口裂け女は声を掛けてきた人物に向かって鋭利な眼差しで睨みつけた。

「あたし、今、忙しいんだから話しかけないでくれる」

「アラ~、怖い怖い。ねぇ、迷惑ついでに1つ教えて、私のこと覚えているかしら」

「・・・お前なんか知らない、もしあたしの邪魔になるんだったら排除してやるまで」

「記憶が共有されてないと後々面倒になってくるんだけど・・・まぁ、いいわ。唐突で悪いんだけど、お外で誰でもいいから殺してきてくれるかなぁ」

「このあたしが、何でそんな面倒くさいことやらなくっちゃならないのよ、まっぴらゴメンだわ」

「さっきから見ていて気づいたんだけど、あなたって美に対する拘りが人一倍強いみたいね。だけど鏡に映った姿に見とれていただけじゃそれ以上美しくはなれないのよ。均整の取れたボディーに磨きを掛け,美しさをより引き立たせるためには人を殺して得られる刺激的な興奮と噴き出させた返り血を浴びることで得られる潤いが美容液にも勝るとも劣らない効果が得られるわ」

「ホントかしら、何だかいいように言いくるめられてる気がするんだけど」

「本当かどうかは1度やってみたら分かることよ。あなたも女性ならもっと美しくなりたいでしょう」

「もちろんよ、あたしにとっては美こそが全てと言っても過言じゃないからね。
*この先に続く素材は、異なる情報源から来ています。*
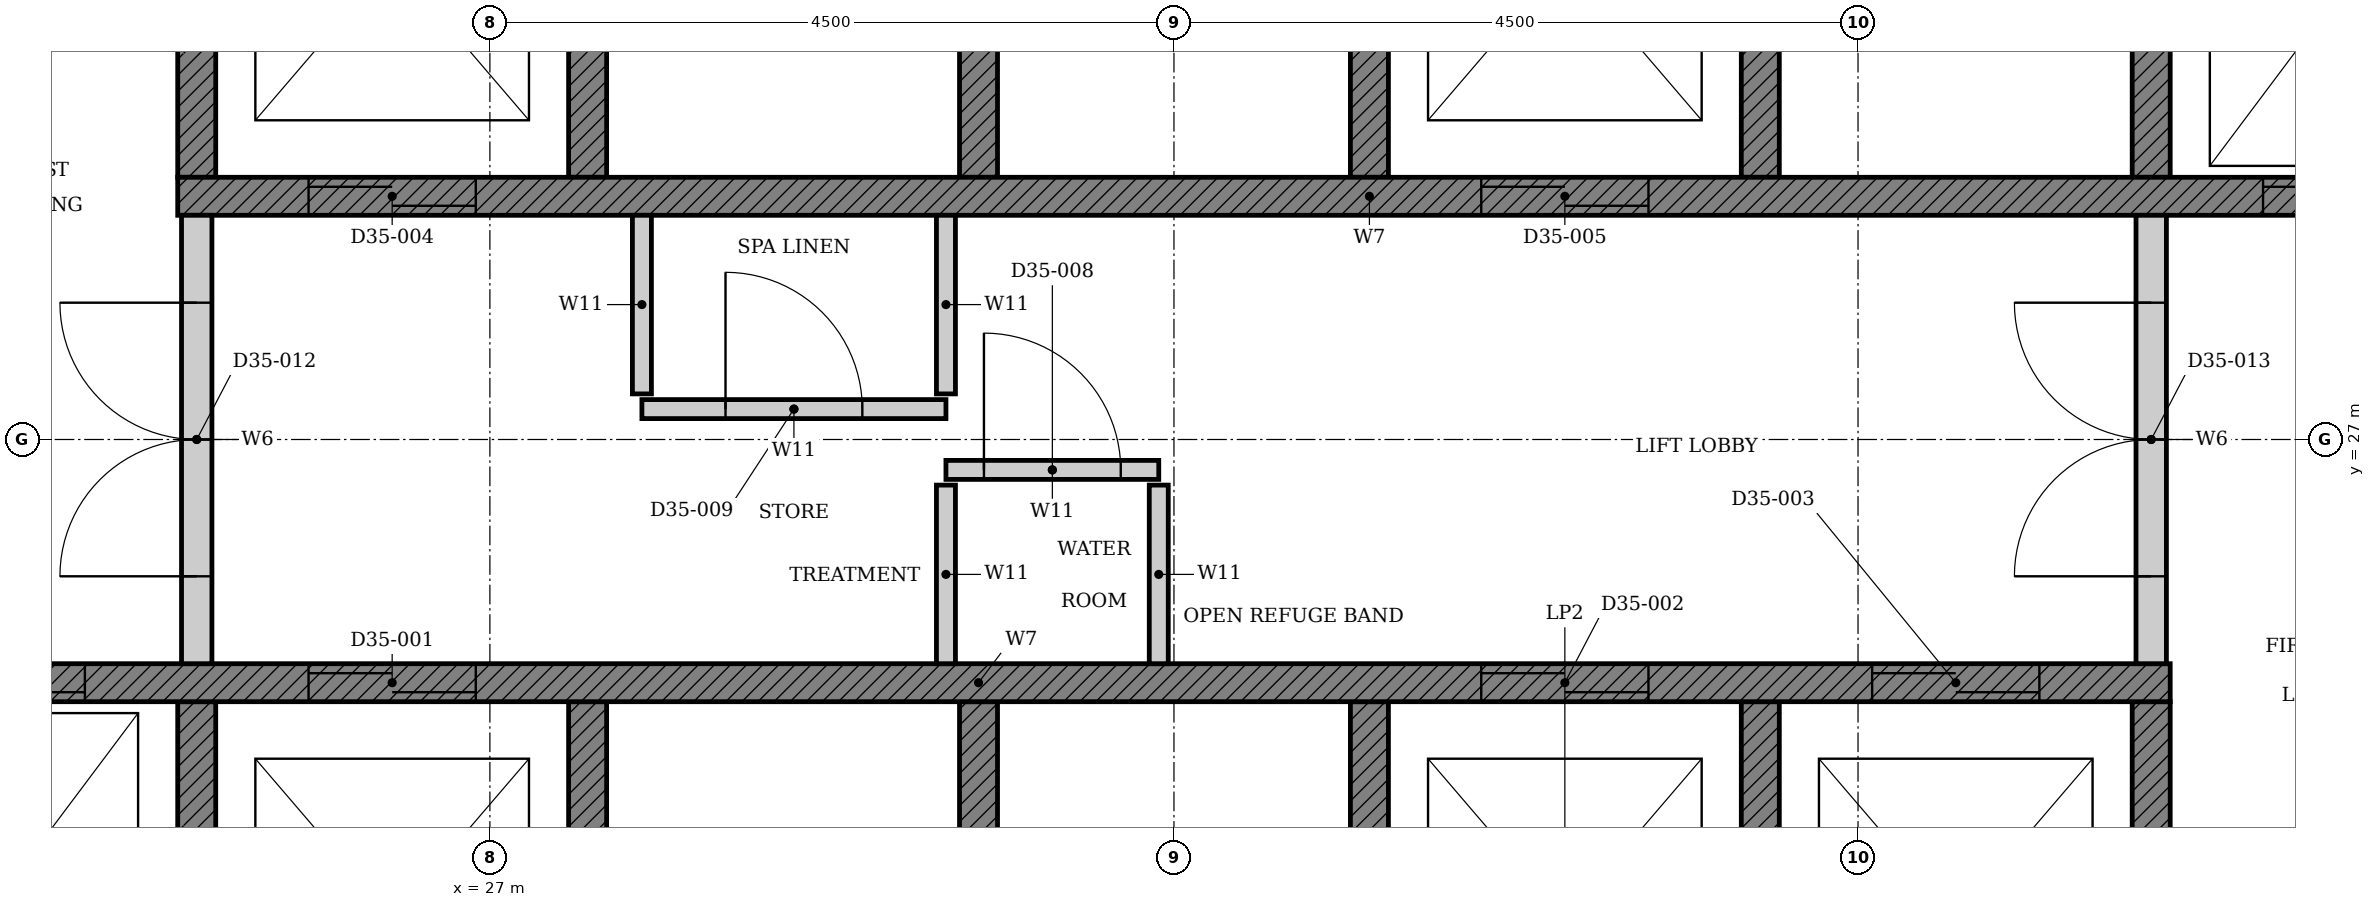
"""IFC4 building model, lengths in metres.
Left out: names, types, materials, properties, quantities, classifications, styles, units other than length and angle.
Written with IfcOpenShell. Run it as: python <this file> out.ifc"""

import sys

from ifc_helpers import new_model, si_unit, direction, frame, frame_2d, origin, place, context, subcontext, project, spatial, polyline, rectangle, outline, extrude, element, fill, save


model = new_model("IFC4")
c1 = context("Model", 3, precision=1e-05, world=origin(), true_north=direction((0.0, 1.0)))
c2 = subcontext(c1, "Body", "Model", "MODEL_VIEW")
j1 = project(units=[si_unit("LENGTHUNIT", "METRE"), si_unit("PLANEANGLEUNIT", "RADIAN")], contexts=[c1])
p1 = place(None, origin())
s1 = spatial("IfcSite", under=j1, at=p1, CompositionType="ELEMENT")
p2 = place(p1, origin())
s2 = spatial("IfcBuilding", under=s1, at=p2, CompositionType="ELEMENT")
p3 = place(p2, frame((0.0, 0.0, 140.4)))
s3 = spatial("IfcBuildingStorey", under=s2, at=p3, CompositionType="ELEMENT", Elevation=140.4)
p4 = place(p3, origin())
e1 = element("IfcWall", 1, at=p4, inside=s3, PredefinedType="SHEAR", context=c2, shape_type="SweptSolid", body=[
    extrude(outline(polyline([(22.375, 22.35), (38.053, 22.35), (38.053, 25.275), (37.803, 25.275), (37.803, 22.65), (35.482, 22.65), (35.482, 25.275), (35.232, 25.275), (35.232, 22.65), (32.911, 22.65), (32.911, 25.275), (32.661, 25.275), (32.661, 22.65), (30.339, 22.65), (30.339, 25.275), (30.089, 25.275), (30.089, 22.65), (27.768, 22.65), (27.768, 25.275), (27.518, 25.275), (27.518, 22.65), (25.197, 22.65), (25.197, 25.275), (24.947, 25.275), (24.947, 22.65), (22.625, 22.65), (22.625, 25.275), (22.375, 25.275), (22.375, 22.35)])), origin(), (0.0, 0.0, 1.0), 4.45),
])
p5 = place(p3, origin())
e2 = element("IfcWall", 2, at=p5, inside=s3, PredefinedType="SHEAR", context=c2, shape_type="SweptSolid", body=[
    extrude(outline(polyline([(24.947, 28.725), (25.197, 28.725), (25.197, 31.35), (27.518, 31.35), (27.518, 28.725), (27.768, 28.725), (27.768, 31.35), (30.089, 31.35), (30.089, 28.725), (30.339, 28.725), (30.339, 31.35), (32.661, 31.35), (32.661, 28.725), (32.911, 28.725), (32.911, 31.35), (35.232, 31.35), (35.232, 28.725), (35.482, 28.725), (35.482, 31.35), (37.803, 31.35), (37.803, 28.725), (38.053, 28.725), (38.053, 31.35), (40.375, 31.35), (40.375, 28.725), (40.625, 28.725), (40.625, 31.65), (24.947, 31.65), (24.947, 28.725)])), origin(), (0.0, 0.0, 1.0), 4.45),
])
p6 = place(p3, frame((22.375, 25.4, 0.0), z_axis=(0.0, 0.0, 1.0), x_axis=(1.0, 0.0, 0.0)))
e3 = element("IfcWall", 3, at=p6, inside=s3, PredefinedType="SHEAR", context=c2, shape_type="SweptSolid", body=[
    extrude(rectangle(XDim=15.678, YDim=0.25, at=frame_2d((7.839, 0.0))), origin(), (0.0, 0.0, 1.0), 4.45),
])
p7 = place(p6, frame((3.432, 0.0, 0.0)))
e4 = element("IfcOpeningElement", 4, at=p7, cuts=e3, PredefinedType="OPENING", context=c2, shape_type="SweptSolid", body=[
    extrude(rectangle(XDim=1.1, YDim=2.1, at=frame_2d((0.55, 1.05))), frame((0.0, 0.135, 0.0), z_axis=(0.0, -1.0, 0.0), x_axis=(1.0, 0.0, 0.0)), (0.0, 0.0, 1.0), 0.27),
])
p8 = place(p6, frame((11.146, 0.0, 0.0)))
e5 = element("IfcOpeningElement", 5, at=p8, cuts=e3, PredefinedType="OPENING", context=c2, shape_type="SweptSolid", body=[
    extrude(rectangle(XDim=1.1, YDim=2.1, at=frame_2d((0.55, 1.05))), frame((0.0, 0.135, 0.0), z_axis=(0.0, -1.0, 0.0), x_axis=(1.0, 0.0, 0.0)), (0.0, 0.0, 1.0), 0.27),
])
p9 = place(p6, frame((13.718, 0.0, 0.0)))
e6 = element("IfcOpeningElement", 6, at=p9, cuts=e3, PredefinedType="OPENING", context=c2, shape_type="SweptSolid", body=[
    extrude(rectangle(XDim=1.1, YDim=2.1, at=frame_2d((0.55, 1.05))), frame((0.0, 0.135, 0.0), z_axis=(0.0, -1.0, 0.0), x_axis=(1.0, 0.0, 0.0)), (0.0, 0.0, 1.0), 0.27),
])
p10 = place(p6, frame((0.861, 0.0, 0.0)))
e7 = element("IfcOpeningElement", 7, at=p10, cuts=e3, PredefinedType="OPENING", context=c2, shape_type="SweptSolid", body=[
    extrude(rectangle(XDim=1.1, YDim=2.1, at=frame_2d((0.55, 1.05))), frame((0.0, 0.135, 0.0), z_axis=(0.0, -1.0, 0.0), x_axis=(1.0, 0.0, 0.0)), (0.0, 0.0, 1.0), 0.27),
])
p11 = place(p3, frame((24.947, 28.6, 0.0), z_axis=(0.0, 0.0, 1.0), x_axis=(1.0, 0.0, 0.0)))
e8 = element("IfcWall", 8, at=p11, inside=s3, PredefinedType="SHEAR", context=c2, shape_type="SweptSolid", body=[
    extrude(rectangle(XDim=15.678, YDim=0.25, at=frame_2d((7.839, 0.0))), origin(), (0.0, 0.0, 1.0), 4.45),
])
p12 = place(p11, frame((0.861, 0.0, 0.0)))
e9 = element("IfcOpeningElement", 9, at=p12, cuts=e8, PredefinedType="OPENING", context=c2, shape_type="SweptSolid", body=[
    extrude(rectangle(XDim=1.1, YDim=2.1, at=frame_2d((0.55, 1.05))), frame((0.0, 0.135, 0.0), z_axis=(0.0, -1.0, 0.0), x_axis=(1.0, 0.0, 0.0)), (0.0, 0.0, 1.0), 0.27),
])
p13 = place(p11, frame((8.575, 0.0, 0.0)))
e10 = element("IfcOpeningElement", 10, at=p13, cuts=e8, PredefinedType="OPENING", context=c2, shape_type="SweptSolid", body=[
    extrude(rectangle(XDim=1.1, YDim=2.1, at=frame_2d((0.55, 1.05))), frame((0.0, 0.135, 0.0), z_axis=(0.0, -1.0, 0.0), x_axis=(1.0, 0.0, 0.0)), (0.0, 0.0, 1.0), 0.27),
])
p14 = place(p11, frame((13.718, 0.0, 0.0)))
e11 = element("IfcOpeningElement", 11, at=p14, cuts=e8, PredefinedType="OPENING", context=c2, shape_type="SweptSolid", body=[
    extrude(rectangle(XDim=1.1, YDim=2.1, at=frame_2d((0.55, 1.05))), frame((0.0, 0.135, 0.0), z_axis=(0.0, -1.0, 0.0), x_axis=(1.0, 0.0, 0.0)), (0.0, 0.0, 1.0), 0.27),
])
p15 = place(p3, frame((30.0, 26.8, 0.0), z_axis=(0.0, 0.0, 1.0), x_axis=(1.0, 0.0, 0.0)))
e12 = element("IfcWall", 12, at=p15, inside=s3, PredefinedType="PARTITIONING", context=c2, shape_type="SweptSolid", body=[
    extrude(rectangle(XDim=1.4, YDim=0.125, at=frame_2d((0.7, 0.0))), origin(), (0.0, 0.0, 1.0), 4.45),
])
p16 = place(p15, frame((0.25, 0.0, 0.0)))
e13 = element("IfcOpeningElement", 13, at=p16, cuts=e12, PredefinedType="OPENING", context=c2, shape_type="SweptSolid", body=[
    extrude(rectangle(XDim=0.9, YDim=2.1, at=frame_2d((0.45, 1.05))), frame((0.0, 0.073, 0.0), z_axis=(0.0, -1.0, 0.0), x_axis=(1.0, 0.0, 0.0)), (0.0, 0.0, 1.0), 0.145),
])
for number, where, z_axis, x_axis in (
    (14, (30.0, 25.525, 0.0), (0.0, 0.0, 1.0), (0.0, 1.0, 0.0)),
    (15, (31.4, 25.525, 0.0), (0.0, 0.0, 1.0), (0.0, 1.0, 0.0)),
):
    element("IfcWall", number, at=place(p3, frame(where, z_axis=z_axis, x_axis=x_axis)), inside=s3, PredefinedType="PARTITIONING", context=c2, shape_type="SweptSolid", body=[
        extrude(rectangle(XDim=1.175, YDim=0.125, at=frame_2d((0.587, 0.0))), origin(), (0.0, 0.0, 1.0), 4.45),
    ])
p17 = place(p3, frame((28.0, 27.2, 0.0), z_axis=(0.0, 0.0, 1.0), x_axis=(1.0, 0.0, 0.0)))
e16 = element("IfcWall", 16, at=p17, inside=s3, PredefinedType="PARTITIONING", context=c2, shape_type="SweptSolid", body=[
    extrude(rectangle(XDim=2.0, YDim=0.125, at=frame_2d((1.0, 0.0))), origin(), (0.0, 0.0, 1.0), 4.45),
])
p18 = place(p17, frame((0.55, 0.0, 0.0)))
e17 = element("IfcOpeningElement", 17, at=p18, cuts=e16, PredefinedType="OPENING", context=c2, shape_type="SweptSolid", body=[
    extrude(rectangle(XDim=0.9, YDim=2.1, at=frame_2d((0.45, 1.05))), frame((0.0, 0.073, 0.0), z_axis=(0.0, -1.0, 0.0), x_axis=(1.0, 0.0, 0.0)), (0.0, 0.0, 1.0), 0.145),
])
for number, where, z_axis, x_axis in (
    (18, (28.0, 28.475, 0.0), (0.0, 0.0, 1.0), (0.0, -1.0, 0.0)),
    (19, (30.0, 28.475, 0.0), (0.0, 0.0, 1.0), (0.0, -1.0, 0.0)),
):
    element("IfcWall", number, at=place(p3, frame(where, z_axis=z_axis, x_axis=x_axis)), inside=s3, PredefinedType="PARTITIONING", context=c2, shape_type="SweptSolid", body=[
        extrude(rectangle(XDim=1.175, YDim=0.125, at=frame_2d((0.587, 0.0))), origin(), (0.0, 0.0, 1.0), 4.45),
    ])
p19 = place(p3, frame((25.072, 25.525, 0.0), z_axis=(0.0, 0.0, 1.0), x_axis=(0.0, 1.0, 0.0)))
e20 = element("IfcWall", 20, at=p19, inside=s3, PredefinedType="PARTITIONING", context=c2, shape_type="SweptSolid", body=[
    extrude(rectangle(XDim=2.95, YDim=0.2, at=frame_2d((1.475, 0.0))), origin(), (0.0, 0.0, 1.0), 4.45),
])
p20 = place(p19, frame((0.575, 0.0, 0.0)))
e21 = element("IfcOpeningElement", 21, at=p20, cuts=e20, PredefinedType="OPENING", context=c2, shape_type="SweptSolid", body=[
    extrude(rectangle(XDim=1.8, YDim=2.1, at=frame_2d((0.9, 1.05))), frame((0.0, 0.11, 0.0), z_axis=(0.0, -1.0, 0.0), x_axis=(1.0, 0.0, 0.0)), (0.0, 0.0, 1.0), 0.22),
])
p21 = place(p3, frame((37.928, 25.525, 0.0), z_axis=(0.0, 0.0, 1.0), x_axis=(0.0, 1.0, 0.0)))
e22 = element("IfcWall", 22, at=p21, inside=s3, PredefinedType="PARTITIONING", context=c2, shape_type="SweptSolid", body=[
    extrude(rectangle(XDim=2.95, YDim=0.2, at=frame_2d((1.475, 0.0))), origin(), (0.0, 0.0, 1.0), 4.45),
])
p22 = place(p21, frame((0.575, 0.0, 0.0)))
e23 = element("IfcOpeningElement", 23, at=p22, cuts=e22, PredefinedType="OPENING", context=c2, shape_type="SweptSolid", body=[
    extrude(rectangle(XDim=1.8, YDim=2.1, at=frame_2d((0.9, 1.05))), frame((0.0, 0.11, 0.0), z_axis=(0.0, -1.0, 0.0), x_axis=(1.0, 0.0, 0.0)), (0.0, 0.0, 1.0), 0.22),
])
p23 = place(p7, origin())
e24 = element("IfcDoor", 24, at=p23, inside=s3, OperationType="DOUBLE_DOOR_SLIDING", PredefinedType="DOOR", context=c2, shape_type="SweptSolid", body=[
    extrude(rectangle(XDim=1.1, YDim=2.1, at=frame_2d((0.55, 1.05))), frame((0.0, 0.025, 0.0), z_axis=(0.0, -1.0, 0.0), x_axis=(1.0, 0.0, 0.0)), (0.0, 0.0, 1.0), 0.05),
])
fill(e4, e24)
p24 = place(p8, origin())
e25 = element("IfcDoor", 25, at=p24, inside=s3, OperationType="DOUBLE_DOOR_SLIDING", PredefinedType="DOOR", context=c2, shape_type="SweptSolid", body=[
    extrude(rectangle(XDim=1.1, YDim=2.1, at=frame_2d((0.55, 1.05))), frame((0.0, 0.025, 0.0), z_axis=(0.0, -1.0, 0.0), x_axis=(1.0, 0.0, 0.0)), (0.0, 0.0, 1.0), 0.05),
])
fill(e5, e25)
p25 = place(p9, origin())
e26 = element("IfcDoor", 26, at=p25, inside=s3, OperationType="DOUBLE_DOOR_SLIDING", PredefinedType="DOOR", context=c2, shape_type="SweptSolid", body=[
    extrude(rectangle(XDim=1.1, YDim=2.1, at=frame_2d((0.55, 1.05))), frame((0.0, 0.025, 0.0), z_axis=(0.0, -1.0, 0.0), x_axis=(1.0, 0.0, 0.0)), (0.0, 0.0, 1.0), 0.05),
])
fill(e6, e26)
p26 = place(p12, origin())
e27 = element("IfcDoor", 27, at=p26, inside=s3, OperationType="DOUBLE_DOOR_SLIDING", PredefinedType="DOOR", context=c2, shape_type="SweptSolid", body=[
    extrude(rectangle(XDim=1.1, YDim=2.1, at=frame_2d((0.55, 1.05))), frame((0.0, 0.025, 0.0), z_axis=(0.0, -1.0, 0.0), x_axis=(1.0, 0.0, 0.0)), (0.0, 0.0, 1.0), 0.05),
])
fill(e9, e27)
p27 = place(p13, origin())
e28 = element("IfcDoor", 28, at=p27, inside=s3, OperationType="DOUBLE_DOOR_SLIDING", PredefinedType="DOOR", context=c2, shape_type="SweptSolid", body=[
    extrude(rectangle(XDim=1.1, YDim=2.1, at=frame_2d((0.55, 1.05))), frame((0.0, 0.025, 0.0), z_axis=(0.0, -1.0, 0.0), x_axis=(1.0, 0.0, 0.0)), (0.0, 0.0, 1.0), 0.05),
])
fill(e10, e28)
p28 = place(p10, origin())
e29 = element("IfcDoor", 29, at=p28, inside=s3, OperationType="DOUBLE_DOOR_SLIDING", PredefinedType="DOOR", context=c2, shape_type="SweptSolid", body=[
    extrude(rectangle(XDim=1.1, YDim=2.1, at=frame_2d((0.55, 1.05))), frame((0.0, 0.025, 0.0), z_axis=(0.0, -1.0, 0.0), x_axis=(1.0, 0.0, 0.0)), (0.0, 0.0, 1.0), 0.05),
])
fill(e7, e29)
p29 = place(p14, origin())
e30 = element("IfcDoor", 30, at=p29, inside=s3, OperationType="DOUBLE_DOOR_SLIDING", PredefinedType="DOOR", context=c2, shape_type="SweptSolid", body=[
    extrude(rectangle(XDim=1.1, YDim=2.1, at=frame_2d((0.55, 1.05))), frame((0.0, 0.025, 0.0), z_axis=(0.0, -1.0, 0.0), x_axis=(1.0, 0.0, 0.0)), (0.0, 0.0, 1.0), 0.05),
])
fill(e11, e30)
p30 = place(p16, origin())
e31 = element("IfcDoor", 31, at=p30, inside=s3, OperationType="SINGLE_SWING_LEFT", PredefinedType="DOOR", context=c2, shape_type="SweptSolid", body=[
    extrude(rectangle(XDim=0.9, YDim=2.1, at=frame_2d((0.45, 1.05))), frame((0.0, 0.025, 0.0), z_axis=(0.0, -1.0, 0.0), x_axis=(1.0, 0.0, 0.0)), (0.0, 0.0, 1.0), 0.05),
])
fill(e13, e31)
p31 = place(p18, origin())
e32 = element("IfcDoor", 32, at=p31, inside=s3, OperationType="SINGLE_SWING_LEFT", PredefinedType="DOOR", context=c2, shape_type="SweptSolid", body=[
    extrude(rectangle(XDim=0.9, YDim=2.1, at=frame_2d((0.45, 1.05))), frame((0.0, 0.025, 0.0), z_axis=(0.0, -1.0, 0.0), x_axis=(1.0, 0.0, 0.0)), (0.0, 0.0, 1.0), 0.05),
])
fill(e17, e32)
p32 = place(p20, origin())
e33 = element("IfcDoor", 33, at=p32, inside=s3, OperationType="DOUBLE_DOOR_SINGLE_SWING", PredefinedType="DOOR", context=c2, shape_type="SweptSolid", body=[
    extrude(rectangle(XDim=1.8, YDim=2.1, at=frame_2d((0.9, 1.05))), frame((0.0, 0.025, 0.0), z_axis=(0.0, -1.0, 0.0), x_axis=(1.0, 0.0, 0.0)), (0.0, 0.0, 1.0), 0.05),
])
fill(e21, e33)
p33 = place(p22, origin())
e34 = element("IfcDoor", 34, at=p33, inside=s3, OperationType="DOUBLE_DOOR_SINGLE_SWING", PredefinedType="DOOR", context=c2, shape_type="SweptSolid", body=[
    extrude(rectangle(XDim=1.8, YDim=2.1, at=frame_2d((0.9, 1.05))), frame((0.0, 0.025, 0.0), z_axis=(0.0, -1.0, 0.0), x_axis=(1.0, 0.0, 0.0)), (0.0, 0.0, 1.0), 0.05),
])
fill(e23, e34)
save(model, sys.argv[1])

だけど何でこのあたしにやらせようとするの」

「実はねぇ、ここ最近人を殺しても以前のような刺激的な興奮が得られなくなってしまったの。おそらく普通に殺しているだけじゃ新鮮みがなくなってきたんでしょうね。そこで純粋で汚れの知らない少女を私の命令だけに従う操り人形に仕立て上げて、その少女に人殺しを繰り返させて楽しむことにしたのよ」

「つまりは自分の手は汚さず、少女の身体を意のままに操って新たな興奮を得ようと、酷い女ねぇ」

「少女の苦悩する姿は一興なモノよ。そのためにはあなたの協力が必要なの、本能の赴くままに殺戮の限りを尽くしてちょうだい」

「少女の苦悩とあたしの行動がどう結びつくのか分からないけど、そんな酷いこと・・・あたしにできるかしら」

「できるわよ、だってあなたの身体には私と同じ残忍で冷酷な血が流れているんですもの。少し刺激してあげるだけで立派な殺人鬼に変貌しちゃうはず。それにあなたは他人を傷つけても罪悪感や自己嫌悪を覚えることなんてないんでしょう」

「ええ、他人がどうなろうと知ったこっちゃないわ。あたしはあたし自身のためだったらなんだってやっちゃう、そんな女よ」

「それを聞いて安心したわ。あなたの行動によって少女は間違いなく苦悩するはずだから思う存分やっちゃってちょうだい」

当初の目的である奈津子によるお散歩がいつの間にか口裂け女となった少女による殺人へと変えられてしまった。事態は佐伯奈津子の望んでもいない方向へと進もうとしていた。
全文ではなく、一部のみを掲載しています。